First the baby boom – a sudden jump in population. Of course this alone is not enough. This generation was born into a new world order, where the Old System had proven its self-destructiveness. However thanks to this sudden jump in population, a whole and numerous generation were there to pull in this new direction. Not only did it demand for itself a whole raft of rights and privileges and freedoms, it had the numbers to back it up. In the new consumer age, devised by post-war economists to capitalize on US strengths, this generation voted with its wallet and displayed considerable power in changing social norms.

But what now. The baby boom generation has grown up, and thanks to the medical progress they remain numerous and active. Unfortunately, the emphasis on personal liberties of the 60s and 70s bred a certain selfishness into the Me-generation. Once they had achieved unprecedented levels of wealth and comfort, they dug in.

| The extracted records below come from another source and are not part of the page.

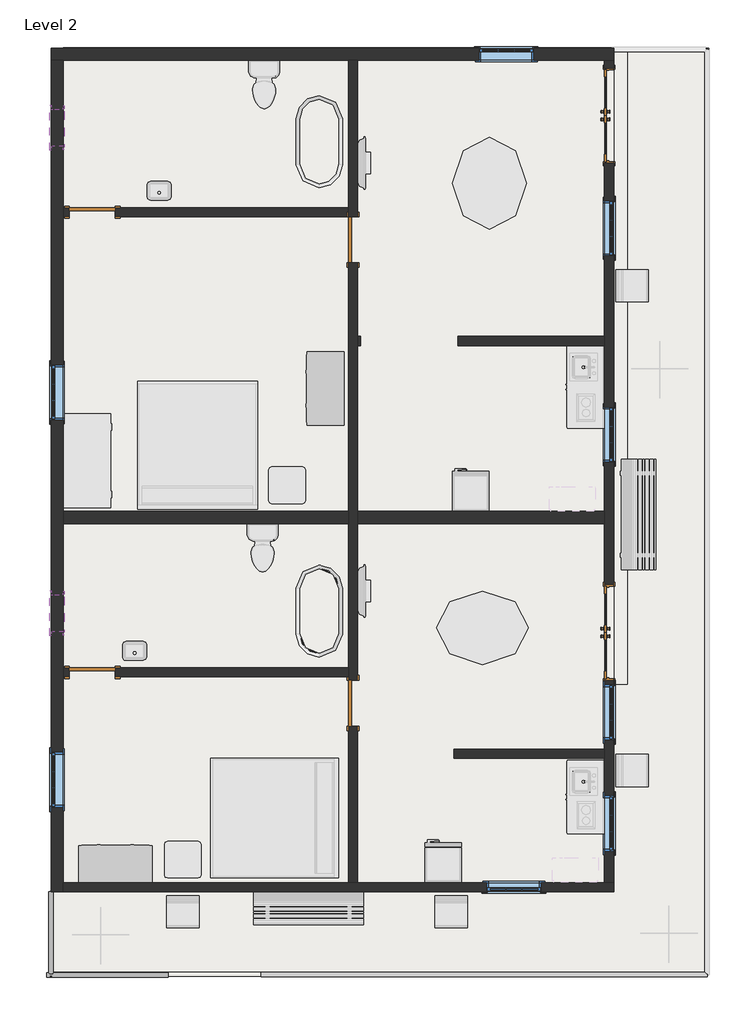
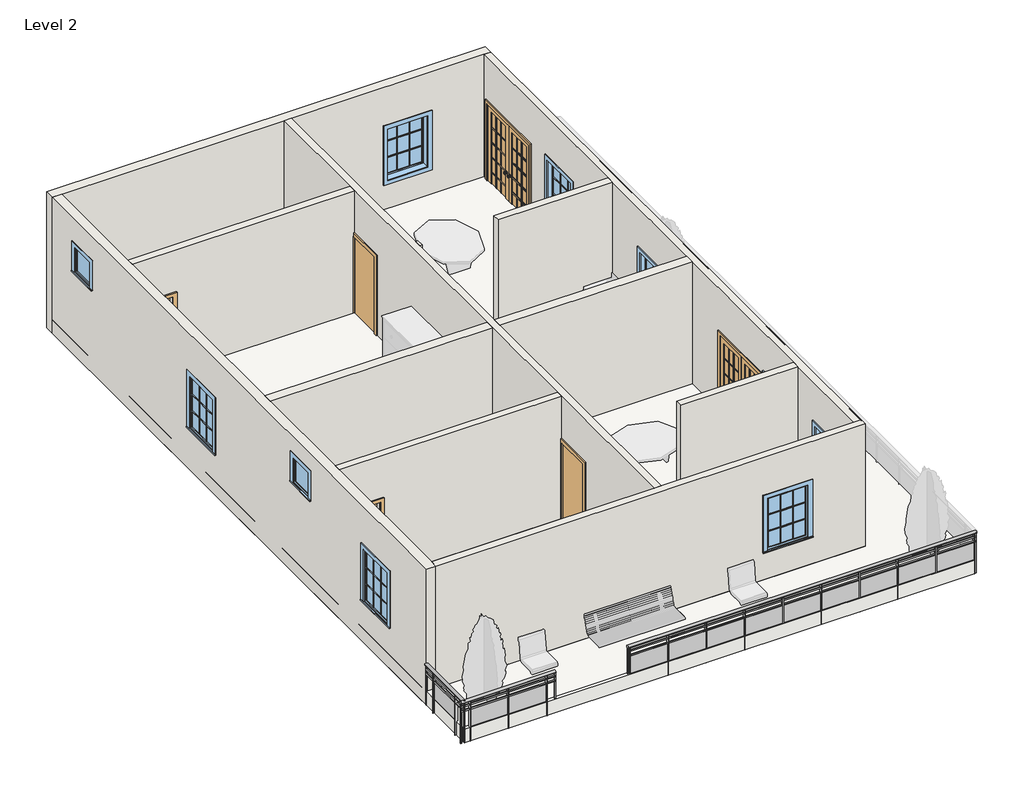
# One storey, part 1 of 2: 12 walls, 10 windows, 7 roofs, 6 doors, 3 railings.
"""IFC4 building model written with IfcOpenShell, lengths in millimetres."""

from ifc_helpers import new_model, si_unit, point, frame, origin, place, context, project, spatial, polyline, ellipse_curve, trimmed, outline, extrude, faceted_brep, transform, mapped, element, save
from ifc_brep_helpers import plane_surface, extruded_surface, advanced_brep
from components import door_31a77bde, door_255cab33, door_059fdd7e, window_29c06734, window_5c190c7e, window_e41d21a6

model = new_model("IFC4")

# Units and contexts
model_context = context("Model", 3, world=origin())
ifc_project = project(units=[si_unit("LENGTHUNIT", "METRE", prefix="MILLI")], contexts=[model_context])

# Site, building, storey
site = spatial("IfcSite", under=ifc_project)
building = spatial("IfcBuilding", under=site)
storey = spatial("IfcBuildingStorey", under=building, Name="Level 2", Elevation=3048.0)

# Doors
placement = place(None, origin())
door_shape = door_31a77bde(model_context)
element("IfcDoor", 1, ObjectType="Door-Interior-Double-Full Glass-Wood : 60\" x 80\"", at=placement, inside=storey, context=model_context, shape_type="MappedRepresentation", body=[
    mapped(door_shape, transform((230.0079734, 3216.1923354, 3048.0), x_axis=(0.0, 1.0, 0.0), y_axis=(-1.0, 0.0, 0.0), z_axis=(0.0, 0.0, 1.0))),
])
element("IfcDoor", 2, ObjectType="Door-Interior-Double-Full Glass-Wood : 60\" x 80\"", at=placement, inside=storey, context=model_context, shape_type="MappedRepresentation", body=[
    mapped(door_shape, transform((230.0079734, 11775.9923354, 3048.0), x_axis=(0.0, 1.0, 0.0), y_axis=(-1.0, 0.0, 0.0), z_axis=(0.0, 0.0, 1.0))),
])
door_2_shape = door_255cab33(model_context)
element("IfcDoor", 3, ObjectType="Single-Flush : 30\" x 80\"", at=placement, inside=storey, context=model_context, shape_type="MappedRepresentation", body=[
    mapped(door_2_shape, transform((-8326.6170266, 10175.7923354, 3048.0), x_axis=(-1.0, 0.0, 0.0), y_axis=(0.0, -1.0, 0.0), z_axis=(0.0, 0.0, 1.0))),
])
element("IfcDoor", 4, ObjectType="Single-Flush : 30\" x 80\"", at=placement, inside=storey, context=model_context, shape_type="MappedRepresentation", body=[
    mapped(door_2_shape, transform((-8326.6170266, 2555.7923354, 3048.0), x_axis=(-1.0, 0.0, 0.0), y_axis=(0.0, -1.0, 0.0), z_axis=(0.0, 0.0, 1.0))),
])
door_3_shape = door_059fdd7e(model_context)
element("IfcDoor", 5, ObjectType="Single-Flush : 30\" x 80\"", at=placement, inside=storey, context=model_context, shape_type="MappedRepresentation", body=[
    mapped(door_3_shape, transform((-4008.6170266, 9718.5923354, 3048.0), x_axis=(0.0, 1.0, 0.0), y_axis=(-1.0, 0.0, 0.0), z_axis=(0.0, 0.0, 1.0))),
])
element("IfcDoor", 6, ObjectType="Single-Flush : 30\" x 80\"", at=placement, inside=storey, context=model_context, shape_type="MappedRepresentation", body=[
    mapped(door_3_shape, transform((-4008.6170266, 2047.7923354, 3048.0), x_axis=(0.0, 1.0, 0.0), y_axis=(-1.0, 0.0, 0.0), z_axis=(0.0, 0.0, 1.0))),
])

# Railings
element("IfcRailing", 7, ObjectType="Glass Panel - Bottom Fill", at=placement, inside=storey, context=model_context, shape_type="SolidModel", body=[
    advanced_brep(
    [(-8974.3170266, -1076.4076646, 3962.4), (-9050.5170266, -1076.4076646, 3962.4), (-8974.3170266, -2473.4076646, 3962.4), (-9050.5170266, -2473.4076646, 3962.4)],
    [
        (0, 1, ellipse_curve(frame((-9012.4170266, -1076.4076646, 3962.4), z_axis=(0.0, 1.0, 0.0), x_axis=(-1.0, 0.0, 0.0)), 38.1, 28.575)),
        (1, 0, ellipse_curve(frame((-9012.4170266, -1076.4076646, 3962.4), z_axis=(0.0, 1.0, 0.0), x_axis=(-1.0, 0.0, 0.0)), 38.1, 28.575)),
        (2, 3, ellipse_curve(frame((-9012.4170266, -2473.4076646, 3962.4), z_axis=(0.0, -1.0, 0.0), x_axis=(-1.0, 0.0, 0.0)), 38.1, 28.575)),
        (3, 2, ellipse_curve(frame((-9012.4170266, -2473.4076646, 3962.4), z_axis=(0.0, -1.0, 0.0), x_axis=(-1.0, 0.0, 0.0)), 38.1, 28.575)),
        (0, 2),
        (3, 1),
    ],
    [
        plane_surface(frame((-9012.4170266, -1076.4076646, 3962.4), z_axis=(0.0, 1.0, 0.0), x_axis=(0.0, 0.0, -1.0))),
        plane_surface(frame((-9012.4170266, -2473.4076646, 3962.4), z_axis=(0.0, -1.0, 0.0), x_axis=(0.0, 0.0, -1.0))),
        extruded_surface(trimmed(ellipse_curve(frame((-9012.4170266, -2473.4076646, 3962.4), z_axis=(0.0, 1.0, 0.0), x_axis=(-1.0, 0.0, 0.0)), 38.1, 28.575), [point((-8974.3170266, -2473.4076646, 3962.4))], [point((-9050.5170266, -2473.4076646, 3962.4))], True, "CARTESIAN"), (0.0, 1396.9999999999998, 0.0), 1396.9999999999998),
        extruded_surface(trimmed(ellipse_curve(frame((-9012.4170266, -2473.4076646, 3962.4), z_axis=(0.0, 1.0, 0.0), x_axis=(-1.0, 0.0, 0.0)), 38.1, 28.575), [point((-9050.5170266, -2473.4076646, 3962.4))], [point((-8974.3170266, -2473.4076646, 3962.4))], True, "CARTESIAN"), (0.0, 1396.9999999999998, 0.0), 1396.9999999999998),
    ],
    [
        (0, [[1, 2]]),
        (1, [[3, 4]]),
        (2, [[-1, 5, -4, 6]]),
        (3, [[-2, -6, -3, -5]]),
    ],
),
    extrude(outline(polyline([(-9025.1170266, -1076.4076646), (-8999.7170266, -1076.4076646), (-8999.7170266, -2473.4076646), (-9025.1170266, -2473.4076646), (-9025.1170266, -1076.4076646)])), frame((0.0, 0.0, 3848.1), z_axis=(0.0, 0.0, 1.0), x_axis=(1.0, 0.0, 0.0)), (0.0, 0.0, 1.0), 25.4),
    extrude(outline(polyline([(-9025.1170266, -1076.4076646), (-8999.7170266, -1076.4076646), (-8999.7170266, -2473.4076646), (-9025.1170266, -2473.4076646), (-9025.1170266, -1076.4076646)])), frame((0.0, 0.0, 3746.5), z_axis=(0.0, 0.0, 1.0), x_axis=(1.0, 0.0, 0.0)), (0.0, 0.0, 1.0), 25.4),
    extrude(outline(polyline([(-9037.8170266, -2174.9576646), (-8987.0170266, -2174.9576646), (-8987.0170266, -2187.6576646), (-9037.8170266, -2187.6576646), (-9037.8170266, -2174.9576646)])), frame((0.0, 0.0, 3048.0), z_axis=(0.0, 0.0, 1.0), x_axis=(1.0, 0.0, 0.0)), (0.0, 0.0, 1.0), 885.6788223),
    extrude(outline(polyline([(-9005.8818696, -1368.5076646), (-9005.8818696, -2181.3076646), (-9012.2318696, -2181.3076646), (-9012.2318696, -1368.5076646), (-9005.8818696, -1368.5076646)])), frame((0.0, 0.0, 3149.6), z_axis=(0.0, 0.0, 1.0), x_axis=(1.0, 0.0, 0.0)), (0.0, 0.0, 1.0), 596.9),
    extrude(outline(polyline([(-9037.8170266, -1362.1576646), (-8987.0170266, -1362.1576646), (-8987.0170266, -1374.8576646), (-9037.8170266, -1374.8576646), (-9037.8170266, -1362.1576646)])), frame((0.0, 0.0, 3048.0), z_axis=(0.0, 0.0, 1.0), x_axis=(1.0, 0.0, 0.0)), (0.0, 0.0, 1.0), 885.6788223),
    extrude(outline(polyline([(-9021.9420266, -2460.7076646), (-9002.8920266, -2460.7076646), (-9002.8920266, -2479.7576646), (-9021.9420266, -2479.7576646), (-9021.9420266, -2460.7076646)])), frame((0.0, 0.0, 3048.0), z_axis=(0.0, 0.0, 1.0), x_axis=(1.0, 0.0, 0.0)), (0.0, 0.0, 1.0), 885.6788223),
    extrude(outline(polyline([(-9021.9420266, -1070.0576646), (-9002.8920266, -1070.0576646), (-9002.8920266, -1089.1076646), (-9021.9420266, -1089.1076646), (-9021.9420266, -1070.0576646)])), frame((0.0, 0.0, 3048.0), z_axis=(0.0, 0.0, 1.0), x_axis=(1.0, 0.0, 0.0)), (0.0, 0.0, 1.0), 885.6788223),
])
element("IfcRailing", 8, ObjectType="Glass Panel - Bottom Fill", at=placement, inside=storey, context=model_context, shape_type="SolidModel", body=[
    advanced_brep(
    [(-9080.8545291, -2419.5212738, 3962.4), (-9080.8545291, -2495.7212738, 3962.4), (-7074.2545291, -2419.5212738, 3962.4), (-7074.2545291, -2495.7212738, 3962.4)],
    [
        (0, 1, ellipse_curve(frame((-9080.8545291, -2457.6212738, 3962.4), z_axis=(-1.0, 0.0, 0.0), x_axis=(0.0, -1.0, 0.0)), 38.1, 28.575)),
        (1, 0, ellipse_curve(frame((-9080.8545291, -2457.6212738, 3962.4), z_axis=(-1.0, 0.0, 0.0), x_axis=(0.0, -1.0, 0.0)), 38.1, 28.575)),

I believe this has a significant impact on the political swing to the right we have observed in the past decade. the baby boom generation have added to their numerical strength their maturity and accumulated wealth, plus  considerably lower birthrates after them. So we are now top-heavy: young people may have all the vigor of the baby boom generation, but they do not have the tidal wave like force of that generation which broke the status quo. While on the other hand that generation has become wealthy and powerful – large swaths of most developed country governments can be identified as baby boomers. Their desire to hang onto this comfort in understandable – as is the fear and insecurity that can accompany it. The power is there to impose this on all who follow – the beating of the consumerist drum. Just as there were those in the 60s and 70s who beat the drum of conformity and conservative values. However while back then they were drowned out by the rising tide of youth, now youth struggle to be heard.

That’s not to say young people don’t have forms of expression – on the contrary there are more now than there have ever been. The explosion of the digital age has created forms of interaction older generations struggle to even understand. But despite this they have relatively little impact on the broader politics. In i see this disconnect fueling a good deal of discontent. It would not be surprising even to see a parallel politic spring up in the digital arena, where the old school powers suffer from the internets fundamental democracy. Whether this will be translated into change AFK is a different matter however.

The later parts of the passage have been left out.